AnonymousDeleted UserSeptember 24, 2020 at 3:46 pm
After reading Berry and Pynchon, I was reminded of something my yoga teacher used to say, that when you feel like you’ve “mastered” yoga it’s time to return to “beginner’s mind.” While the master may be full of knowledge and the beginner may be comparatively ignorant, the beginner’s mind is still open to infinite possibilities. The beginner has a sense of humility, as well as an awe for the unknown. In this way, ignorance – at least ignorance that is self-aware of one’s own limitations – can lead to great wisdom.

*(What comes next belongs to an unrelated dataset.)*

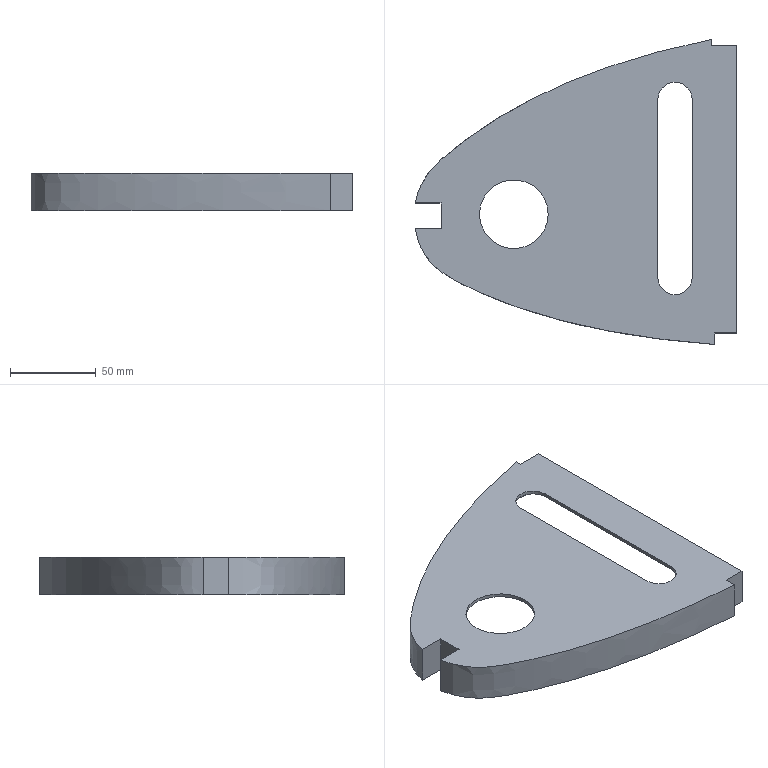Component | NX | FRONT_RIB | 1 solid | 28 faces | volume 67262 mm3 | plane 21 | cylinder 3 | other 2 | spline 2 | commonest cylinder face diameters 20 x2 40 x1

A time when my mind was kind of reset into a state of beginner’s mind was when I was baptized in the Jordan River. I had been baptized before when I was a little girl, but I wanted to do it again now that I had more of a full understanding of what it meant to dedicate my life to Christ. But when I went down into the water, I had a kind of epiphany – I was still ignorant of the nature of God, maybe even more so than when I was a little girl, because now I was arrogant enough to think that I had developed a mature understanding. God is the ultimate mystery, and in that moment I was forced to acknowledge that I was still ignorant in the face of that mystery. This experience helped me to remain humble on my journey to seek God. In this way, realizing my own ignorance led me to a place of greater wisdom.